# Marathon - Sammler



## Berglöwe (24. Februar 2002)

Ich hab in diversen Beiträgen den Eindruck, dass die Frangen ganz heiss sind auf'nen Marathon.....  

Also, die jüngste "Mountain-Bike" gibt hier ein wenig Aufschluss:
Am 16.06. findet parallel zum 1.Hersbrucker-M auch der 5.Franken-Bike-M in Trieb/Lichtenfels statt. Strecken: 40/70/110 mit je 900/1500/2500 hm.
Könnte mir vorstellen, die haben mit der 5.Veranstaltung einen gewissen Org-Vorsprung zu den Hersbruckern.
Vom Termin gibt's ja noch genug Zeit 'n bisschen an der Kondi zu arbeiten - vielleicht komm ich dann auch wieder die Berge hoch... 

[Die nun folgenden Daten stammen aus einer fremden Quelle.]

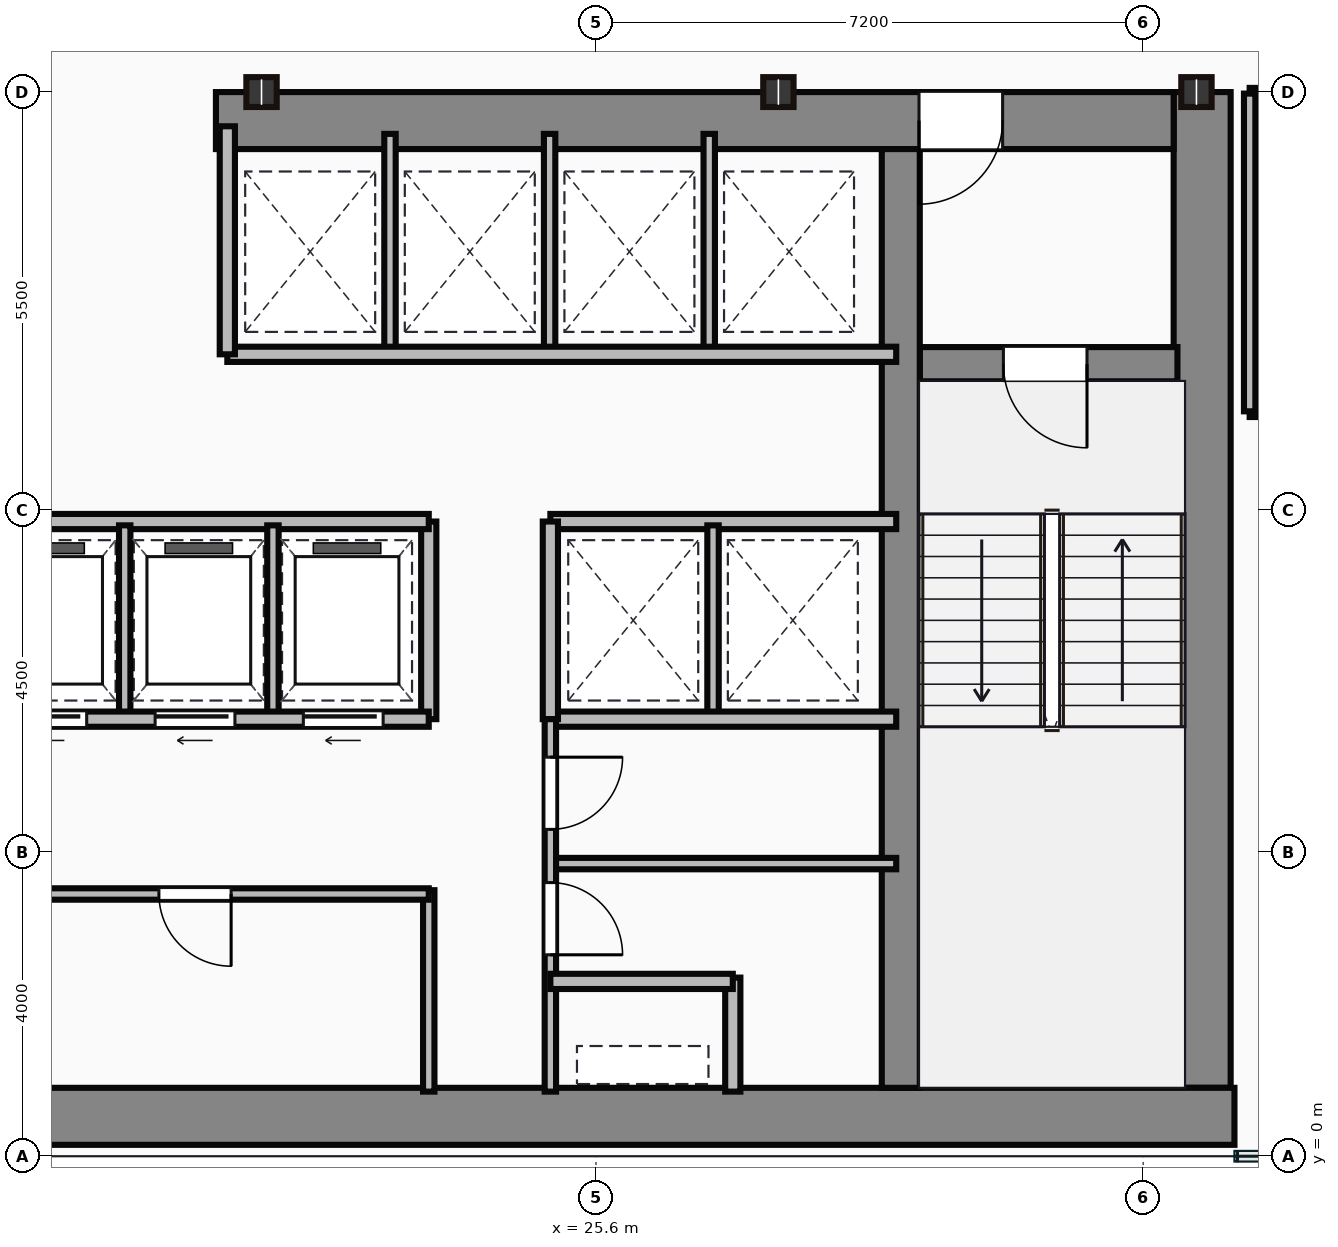
"""IFC4 building model, lengths in metres.
Left out: names, types, materials, properties, quantities, classifications, styles, units other than length and angle.
Written with IfcOpenShell. Run it as: python <this file> out.ifc"""

import sys

from ifc_helpers import new_model, si_unit, direction, frame, frame_2d, origin, origin_2d, place, context, subcontext, project, spatial, rectangle, i_section, extrude, source, transform, mapped, element, fill, save


model = new_model("IFC4")
c1 = context("Model", 3, precision=1e-05, world=origin(), true_north=direction((0.0, 1.0)))
c2 = subcontext(c1, "Body", "Model", "MODEL_VIEW")
j1 = project(units=[si_unit("LENGTHUNIT", "METRE"), si_unit("PLANEANGLEUNIT", "RADIAN")], contexts=[c1])
p1 = place(None, origin())
s1 = spatial("IfcSite", under=j1, at=p1, CompositionType="ELEMENT")
p2 = place(p1, origin())
s2 = spatial("IfcBuilding", under=s1, at=p2, CompositionType="ELEMENT")
p3 = place(p2, frame((0.0, 0.0, 95.95)))
s3 = spatial("IfcBuildingStorey", under=s2, at=p3, CompositionType="ELEMENT", Elevation=95.95)
m1 = source(origin(), c2, "Body", "SweptSolid", [
    extrude(rectangle(XDim=29.5, YDim=0.75, at=frame_2d((14.75, 0.0))), origin(), (0.0, 0.0, 1.0), 3.65),
])
p4 = place(p3, frame((4.5, 0.525, 0.0), z_axis=(0.0, 0.0, 1.0), x_axis=(1.0, 0.0, 0.0)))
e1 = element("IfcWall", 1, at=p4, inside=s3, PredefinedType="SHEAR", context=c2, shape_type="MappedRepresentation", body=[
    mapped(m1, transform((0.0, 0.0, 0.0))),
])
m2 = source(origin(), c2, "Body", "SweptSolid", [
    extrude(rectangle(XDim=13.1, YDim=0.75, at=frame_2d((6.55, 0.0))), origin(), (0.0, 0.0, 1.0), 3.65),
])
p5 = place(p3, frame((33.575, 0.9, 0.0), z_axis=(0.0, 0.0, 1.0), x_axis=(0.0, 1.0, 0.0)))
e2 = element("IfcWall", 2, at=p5, inside=s3, PredefinedType="SHEAR", context=c2, shape_type="MappedRepresentation", body=[
    mapped(m2, transform((0.0, 0.0, 0.0))),
])
m3 = source(origin(), c2, "Body", "SweptSolid", [
    extrude(rectangle(XDim=12.6, YDim=0.75, at=frame_2d((6.3, 0.0))), origin(), (0.0, 0.0, 1.0), 3.65),
])
p6 = place(p3, frame((20.6, 13.625, 0.0), z_axis=(0.0, 0.0, 1.0), x_axis=(1.0, 0.0, 0.0)))
e3 = element("IfcWall", 3, at=p6, inside=s3, PredefinedType="SHEAR", context=c2, shape_type="MappedRepresentation", body=[
    mapped(m3, transform((0.0, 0.0, 0.0))),
])
p7 = place(p6, frame((9.25, 0.0, 0.0)))
e4 = element("IfcOpeningElement", 4, at=p7, cuts=e3, PredefinedType="OPENING", context=c2, shape_type="SweptSolid", body=[
    extrude(rectangle(XDim=1.1, YDim=2.15, at=frame_2d((0.55, 1.075))), frame((0.0, 0.385, 0.0), z_axis=(0.0, -1.0, 0.0), x_axis=(1.0, 0.0, 0.0)), (0.0, 0.0, 1.0), 0.77),
])
m4 = source(origin(), c2, "Body", "SweptSolid", [
    extrude(rectangle(XDim=12.35, YDim=0.5, at=frame_2d((6.175, 0.0))), origin(), (0.0, 0.0, 1.0), 3.65),
])
p8 = place(p3, frame((29.61, 0.9, 0.0), z_axis=(0.0, 0.0, 1.0), x_axis=(0.0, 1.0, 0.0)))
e5 = element("IfcWall", 5, at=p8, inside=s3, PredefinedType="SHEAR", context=c2, shape_type="MappedRepresentation", body=[
    mapped(m4, transform((0.0, 0.0, 0.0))),
])
m5 = source(origin(), c2, "Body", "SweptSolid", [
    extrude(rectangle(XDim=3.39, YDim=0.45, at=frame_2d((1.695, 0.0))), origin(), (0.0, 0.0, 1.0), 3.65),
])
p9 = place(p3, frame((29.86, 10.42, 0.0), z_axis=(0.0, 0.0, 1.0), x_axis=(1.0, 0.0, 0.0)))
e6 = element("IfcWall", 6, at=p9, inside=s3, PredefinedType="SHEAR", context=c2, shape_type="MappedRepresentation", body=[
    mapped(m5, transform((0.0, 0.0, 0.0))),
])
p10 = place(p9, frame((1.1, 0.0, 0.0)))
e7 = element("IfcOpeningElement", 7, at=p10, cuts=e6, PredefinedType="OPENING", context=c2, shape_type="SweptSolid", body=[
    extrude(rectangle(XDim=1.1, YDim=2.15, at=frame_2d((0.55, 1.075))), frame((0.0, 0.235, 0.0), z_axis=(0.0, -1.0, 0.0), x_axis=(1.0, 0.0, 0.0)), (0.0, 0.0, 1.0), 0.47),
])
m6 = source(origin(), c2, "Body", "SweptSolid", [
    extrude(i_section(OverallWidth=0.399, OverallDepth=0.393, WebThickness=0.023, FlangeThickness=0.037, at=origin_2d()), origin(), (0.0, 0.0, 1.0), 3.65),
])
for number, where, z_axis, x_axis in (
    (8, (21.2, 14.0, 0.0), (0.0, 0.0, 1.0), (1.0, 0.0, 0.0)),
    (9, (28.0, 14.0, 0.0), (0.0, 0.0, 1.0), (1.0, 0.0, 0.0)),
    (10, (33.5, 14.0, 0.0), (0.0, 0.0, 1.0), (1.0, 0.0, 0.0)),
):
    element("IfcColumn", number, at=place(p3, frame(where, z_axis=z_axis, x_axis=x_axis)), inside=s3, PredefinedType="COLUMN", context=c2, shape_type="MappedRepresentation", body=[
        mapped(m6, transform((0.0, 0.0, 0.0))),
    ])
m7 = source(origin(), c2, "Body", "SweptSolid", [
    extrude(rectangle(XDim=10.35, YDim=0.15, at=frame_2d((5.175, 0.0))), origin(), (0.0, 0.0, 1.0), 3.4),
])
p11 = place(p3, frame((13.05, 3.45, 0.0), z_axis=(0.0, 0.0, 1.0), x_axis=(1.0, 0.0, 0.0)))
e11 = element("IfcWall", 11, at=p11, inside=s3, PredefinedType="PARTITIONING", context=c2, shape_type="MappedRepresentation", body=[
    mapped(m7, transform((0.0, 0.0, 0.0))),
])
p12 = place(p11, frame((2.1, 0.0, 0.0)))
e12 = element("IfcOpeningElement", 12, at=p12, cuts=e11, PredefinedType="OPENING", context=c2, shape_type="SweptSolid", body=[
    extrude(rectangle(XDim=0.95, YDim=2.15, at=frame_2d((0.475, 1.075))), frame((0.0, 0.085, 0.0), z_axis=(0.0, -1.0, 0.0), x_axis=(1.0, 0.0, 0.0)), (0.0, 0.0, 1.0), 0.17),
])
p13 = place(p11, frame((6.8, 0.0, 0.0)))
e13 = element("IfcOpeningElement", 13, at=p13, cuts=e11, PredefinedType="OPENING", context=c2, shape_type="SweptSolid", body=[
    extrude(rectangle(XDim=0.95, YDim=2.15, at=frame_2d((0.475, 1.075))), frame((0.0, 0.085, 0.0), z_axis=(0.0, -1.0, 0.0), x_axis=(1.0, 0.0, 0.0)), (0.0, 0.0, 1.0), 0.17),
])
m8 = source(origin(), c2, "Body", "SweptSolid", [
    extrude(rectangle(XDim=2.65, YDim=0.15, at=frame_2d((1.325, 0.0))), origin(), (0.0, 0.0, 1.0), 3.4),
])
p14 = place(p3, frame((23.4, 0.85, 0.0), z_axis=(0.0, 0.0, 1.0), x_axis=(0.0, 1.0, 0.0)))
e14 = element("IfcWall", 14, at=p14, inside=s3, PredefinedType="PARTITIONING", context=c2, shape_type="MappedRepresentation", body=[
    mapped(m8, transform((0.0, 0.0, 0.0))),
])
m9 = source(origin(), c2, "Body", "SweptSolid", [
    extrude(rectangle(XDim=11.85, YDim=0.2, at=frame_2d((5.925, 0.0))), origin(), (0.0, 0.0, 1.0), 3.4),
])
p15 = place(p3, frame((11.55, 5.75, 0.0), z_axis=(0.0, 0.0, 1.0), x_axis=(1.0, 0.0, 0.0)))
e15 = element("IfcWall", 15, at=p15, inside=s3, PredefinedType="PARTITIONING", context=c2, shape_type="MappedRepresentation", body=[
    mapped(m9, transform((0.0, 0.0, 0.0))),
])
p16 = place(p15, frame((0.45, 0.0, 0.0)))
e16 = element("IfcOpeningElement", 16, at=p16, cuts=e15, PredefinedType="OPENING", context=c2, shape_type="SweptSolid", body=[
    extrude(rectangle(XDim=1.05, YDim=2.15, at=frame_2d((0.525, 1.075))), frame((0.0, 0.11, 0.0), z_axis=(0.0, -1.0, 0.0), x_axis=(1.0, 0.0, 0.0)), (0.0, 0.0, 1.0), 0.22),
])
p17 = place(p15, frame((2.4, 0.0, 0.0)))
e17 = element("IfcOpeningElement", 17, at=p17, cuts=e15, PredefinedType="OPENING", context=c2, shape_type="SweptSolid", body=[
    extrude(rectangle(XDim=1.05, YDim=2.15, at=frame_2d((0.525, 1.075))), frame((0.0, 0.11, 0.0), z_axis=(0.0, -1.0, 0.0), x_axis=(1.0, 0.0, 0.0)), (0.0, 0.0, 1.0), 0.22),
])
p18 = place(p15, frame((4.35, 0.0, 0.0)))
e18 = element("IfcOpeningElement", 18, at=p18, cuts=e15, PredefinedType="OPENING", context=c2, shape_type="SweptSolid", body=[
    extrude(rectangle(XDim=1.05, YDim=2.15, at=frame_2d((0.525, 1.075))), frame((0.0, 0.11, 0.0), z_axis=(0.0, -1.0, 0.0), x_axis=(1.0, 0.0, 0.0)), (0.0, 0.0, 1.0), 0.22),
])
p19 = place(p15, frame((6.3, 0.0, 0.0)))
e19 = element("IfcOpeningElement", 19, at=p19, cuts=e15, PredefinedType="OPENING", context=c2, shape_type="SweptSolid", body=[
    extrude(rectangle(XDim=1.05, YDim=2.15, at=frame_2d((0.525, 1.075))), frame((0.0, 0.11, 0.0), z_axis=(0.0, -1.0, 0.0), x_axis=(1.0, 0.0, 0.0)), (0.0, 0.0, 1.0), 0.22),
])
p20 = place(p15, frame((8.25, 0.0, 0.0)))
e20 = element("IfcOpeningElement", 20, at=p20, cuts=e15, PredefinedType="OPENING", context=c2, shape_type="SweptSolid", body=[
    extrude(rectangle(XDim=1.05, YDim=2.15, at=frame_2d((0.525, 1.075))), frame((0.0, 0.11, 0.0), z_axis=(0.0, -1.0, 0.0), x_axis=(1.0, 0.0, 0.0)), (0.0, 0.0, 1.0), 0.22),
])
p21 = place(p15, frame((10.2, 0.0, 0.0)))
e21 = element("IfcOpeningElement", 21, at=p21, cuts=e15, PredefinedType="OPENING", context=c2, shape_type="SweptSolid", body=[
    extrude(rectangle(XDim=1.05, YDim=2.15, at=frame_2d((0.525, 1.075))), frame((0.0, 0.11, 0.0), z_axis=(0.0, -1.0, 0.0), x_axis=(1.0, 0.0, 0.0)), (0.0, 0.0, 1.0), 0.22),
])
p22 = place(p3, frame((11.55, 8.35, 0.0), z_axis=(0.0, 0.0, 1.0), x_axis=(1.0, 0.0, 0.0)))
e22 = element("IfcWall", 22, at=p22, inside=s3, PredefinedType="PARTITIONING", context=c2, shape_type="MappedRepresentation", body=[
    mapped(m9, transform((0.0, 0.0, 0.0))),
])
m10 = source(origin(), c2, "Body", "SweptSolid", [
    extrude(rectangle(XDim=2.6, YDim=0.2, at=frame_2d((1.3, 0.0))), origin(), (0.0, 0.0, 1.0), 3.4),
])
p23 = place(p3, frame((23.4, 5.75, 0.0), z_axis=(0.0, 0.0, 1.0), x_axis=(0.0, 1.0, 0.0)))
e23 = element("IfcWall", 23, at=p23, inside=s3, PredefinedType="PARTITIONING", context=c2, shape_type="MappedRepresentation", body=[
    mapped(m10, transform((0.0, 0.0, 0.0))),
])
m11 = source(origin(), c2, "Body", "SweptSolid", [
    extrude(rectangle(XDim=2.5, YDim=0.15, at=frame_2d((1.25, 0.0))), origin(), (0.0, 0.0, 1.0), 3.4),
])
for number, where, z_axis, x_axis in (
    (24, (19.4, 5.8, 0.0), (0.0, 0.0, 1.0), (0.0, 1.0, 0.0)),
    (25, (21.35, 5.8, 0.0), (0.0, 0.0, 1.0), (0.0, 1.0, 0.0)),
):
    element("IfcWall", number, at=place(p3, frame(where, z_axis=z_axis, x_axis=x_axis)), inside=s3, PredefinedType="PARTITIONING", context=c2, shape_type="MappedRepresentation", body=[
        mapped(m11, transform((0.0, 0.0, 0.0))),
    ])
m12 = source(origin(), c2, "Body", "SweptSolid", [
    extrude(rectangle(XDim=8.8, YDim=0.2, at=frame_2d((4.4, 0.0))), origin(), (0.0, 0.0, 1.0), 3.4),
])
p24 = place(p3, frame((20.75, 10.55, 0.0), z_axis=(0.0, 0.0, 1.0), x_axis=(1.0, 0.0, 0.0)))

Wie wär's - habt ihr Lust euch zu schinden - uAwg!!!
Super wär wenn noch einer die Strecke und die Org kennt - auch weitere Vorschläge willkommen  

See, you in Cyber-Space....


----------



## Altitude (24. Februar 2002)

vorgemerkt,

weil ich warscheinlich eher den Marathon in Hersbruck fahren werde, weil ich mich da hinten ganz gut zurechtfinde...

mal sehen was die Zeit so bringt...

Schönen Tag noch...

Alex


----------



## MTB-News.de




----------



## Kersbacher (25. Februar 2002)

Soso, der Berglöwe.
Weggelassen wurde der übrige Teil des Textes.